At the prespecified second interim analysis at a median follow-up of 26.8 months, the primary endpoint of median rPFS continued to be longer in the niraparib group than in the placebo group, at 19.5 vs 10.9 months, respectively, in the BRCA-mutated subgroup (HR, 0.55; 95% CI, 0.39-0.78; P=.0007). Regarding secondary endpoints, the time to symptomatic progression was significantly longer with niraparib than with placebo in the overall group, with consistent benefit in the BRCA-mutated subgroup (HR, 0.54). In addition, the time to initiation of cytotoxic chemotherapy was significantly longer with niraparib than with placebo in the overall group and in the BRCA-mutated subgroup (HR, 0.56). However, OS was similar in both treatment groups within the BRCA-mutated population (HR, 0.88; 95% CI, 0.58-1.34; P=.55). The median OS with niraparib vs placebo in the BRCA-mutated subgroup in the primary stratified analysis was 29.3 vs 28.6 months, respectively.

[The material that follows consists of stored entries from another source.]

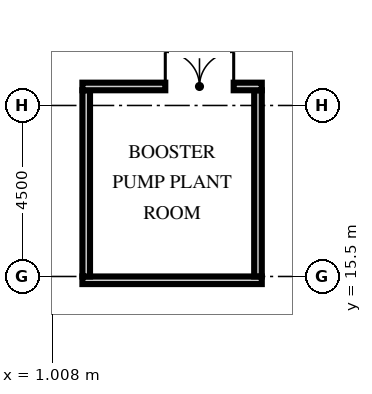
"""IFC4 building model, lengths in metres.
Left out: names, types, materials, properties, quantities, classifications, styles, units other than length and angle.
Written with IfcOpenShell. Run it as: python <this file> out.ifc"""

import sys

from ifc_helpers import new_model, si_unit, direction, frame, frame_2d, origin, origin_2d, place, context, subcontext, project, spatial, rectangle, extrude, element, fill, save


model = new_model("IFC4")
c1 = context("Model", 3, precision=1e-05, world=origin(), true_north=direction((0.0, 1.0)))
c2 = subcontext(c1, "Body", "Model", "MODEL_VIEW")
j1 = project(units=[si_unit("LENGTHUNIT", "METRE"), si_unit("PLANEANGLEUNIT", "RADIAN")], contexts=[c1])
p1 = place(None, origin())
s1 = spatial("IfcSite", under=j1, at=p1, CompositionType="ELEMENT")
p2 = place(p1, origin())
s2 = spatial("IfcBuilding", under=s1, at=p2, CompositionType="ELEMENT")
p3 = place(p2, frame((0.0, 0.0, 278.25)))
s3 = spatial("IfcBuildingStorey", under=s2, at=p3, CompositionType="ELEMENT", Elevation=278.25)
p4 = place(p3, frame((0.0, 24.4, -0.65), z_axis=(0.0, -0.334765406017, 0.942301503201), x_axis=(1.0, 0.0, 0.0)))
e1 = element("IfcColumn", 1, at=p4, inside=s3, PredefinedType="COLUMN", context=c2, shape_type="SweptSolid", body=[
    extrude(rectangle(XDim=2.8, YDim=1.8, at=origin_2d()), origin(), (0.0, 0.0, 1.0), 8.065),
])
p5 = place(p3, frame((8.32, 24.4, -0.65), z_axis=(-0.103601510687, -0.332963994967, 0.937230870724), x_axis=(0.994618884766, -0.034712905596, 0.097612951251)))
e2 = element("IfcColumn", 2, at=p5, inside=s3, PredefinedType="COLUMN", context=c2, shape_type="SweptSolid", body=[
    extrude(rectangle(XDim=2.8, YDim=1.8, at=origin_2d()), origin(), (0.0, 0.0, 1.0), 8.109),
])
p6 = place(p3, frame((1.8, 15.4, 0.0), z_axis=(0.0, 0.0, 1.0), x_axis=(1.0, 0.0, 0.0)))
e3 = element("IfcWall", 3, at=p6, inside=s3, PredefinedType="SOLIDWALL", context=c2, shape_type="SweptSolid", body=[
    extrude(rectangle(XDim=4.72, YDim=0.2, at=frame_2d((2.36, 0.0))), origin(), (0.0, 0.0, 1.0), 6.56),
])
for number, where, z_axis, x_axis in (
    (4, (1.9, 15.5, 0.0), (0.0, 0.0, 1.0), (0.0, 1.0, 0.0)),
    (5, (6.42, 15.5, 0.0), (0.0, 0.0, 1.0), (0.0, 1.0, 0.0)),
):
    element("IfcWall", number, at=place(p3, frame(where, z_axis=z_axis, x_axis=x_axis)), inside=s3, PredefinedType="SOLIDWALL", context=c2, shape_type="SweptSolid", body=[
        extrude(rectangle(XDim=4.9, YDim=0.2, at=frame_2d((2.45, 0.0))), origin(), (0.0, 0.0, 1.0), 7.25),
    ])
p7 = place(p3, frame((1.8, 20.5, 0.0), z_axis=(0.0, 0.0, 1.0), x_axis=(1.0, 0.0, 0.0)))
e6 = element("IfcWall", 6, at=p7, inside=s3, PredefinedType="SOLIDWALL", context=c2, shape_type="SweptSolid", body=[
    extrude(rectangle(XDim=4.72, YDim=0.2, at=frame_2d((2.36, 0.0))), origin(), (0.0, 0.0, 1.0), 6.56),
])
p8 = place(p7, frame((2.181, 0.0, 0.0)))
e7 = element("IfcOpeningElement", 7, at=p8, cuts=e6, PredefinedType="OPENING", context=c2, shape_type="SweptSolid", body=[
    extrude(rectangle(XDim=1.8, YDim=2.4, at=frame_2d((0.9, 1.2))), frame((0.0, 0.11, 0.0), z_axis=(0.0, -1.0, 0.0), x_axis=(1.0, 0.0, 0.0)), (0.0, 0.0, 1.0), 0.22),
])
p9 = place(p8, origin())
e8 = element("IfcDoor", 8, at=p9, inside=s3, OperationType="DOUBLE_DOOR_SINGLE_SWING", PredefinedType="DOOR", context=c2, shape_type="SweptSolid", body=[
    extrude(rectangle(XDim=1.8, YDim=2.4, at=frame_2d((0.9, 1.2))), frame((0.0, 0.025, 0.0), z_axis=(0.0, -1.0, 0.0), x_axis=(1.0, 0.0, 0.0)), (0.0, 0.0, 1.0), 0.05),
])
fill(e7, e8)
save(model, sys.argv[1])

The most common AEs in the niraparib vs placebo group were anemia (50% vs 22.7%), hypertension (33.0% vs 22.3%), and constipation (33.0% vs 15.6%).
The investigators concluded that these data continue to support the addition of niraparib to abiraterone/prednisone in patients with mCRPC who have BRCA alterations or certain other HRR gene alterations.
Efstathiou E, Smith MR, Sandhu S, et al. Niraparib (NIRA) with abiraterone acetate and prednisone (AAP) in patients (pts) with metastatic castration-resistant prostate cancer (mCRPC) and homologous recombination repair (HRR) gene alterations: second interim analysis (IA2) of MAGNITUDE [ASCO GU abstract 170]. J Clin Oncol. 2023;41(6)(suppl).
Phase 3 Trial of Rucaparib Plus Enzalutamide in mCRPC Enrolling Patients
The phase 3 CASPAR trial, which will examine the addition of rucaparib to enzalutamide as first-line treatment in patients with mCRPC, is currently enrolling patients. A total of 984 patients will be randomly assigned in a 1:1 ratio to receive rucaparib plus enzalutamide or placebo plus enzalutamide. Unlike previous studies, patients who have previously received docetaxel and/or ARPIs are eligible if they were given in the hormone-sensitive setting or in the nonmetastatic castration-resistant setting, allowing for testing of the benefits of PARP inhibition plus enzalutamide in patients whose disease has failed to respond to 1 prior ARPI.
All patients will undergo next-generation targeted exome sequencing using archival tumor tissue, with a new biopsy required only if no archival tissue is available. Treatment will continue until progression of disease, with no crossover allowed.
Eligible patients must be 18 years or older and have an Eastern Cooperative Oncology Group performance status of 0 to 2 and no prior treatment for mCRPC. An HRR gene aberration is not required for enrollment.
The co-primary endpoints are OS and rPFS, with the OS analysis undertaken as a primary endpoint only if the rPFS endpoint is met. Key secondary endpoints are rPFS and OS in patients with and without BRCA1, BRCA2, or PALB2 alterations. The study will also measure differences in AEs and quality of life outcomes between the treatment arms.
Enrollment in this trial began in July 2021, and the study is available to participants at all National Clinical Trials Network sites in the United States (NCT04455750). Dr Arpit Rao is the study chair.
Rao A, Heller G, Ryan CJ, et al. Alliance A031902 (CASPAR): a randomized phase (ph) 3 trial of enzalutamide with rucaparib/placebo in first-line metastatic castration-resistant prostate cancer (mCRPC) [ASCO GU abstract TPS277]. J Clin Oncol. 2023;41(6)(suppl).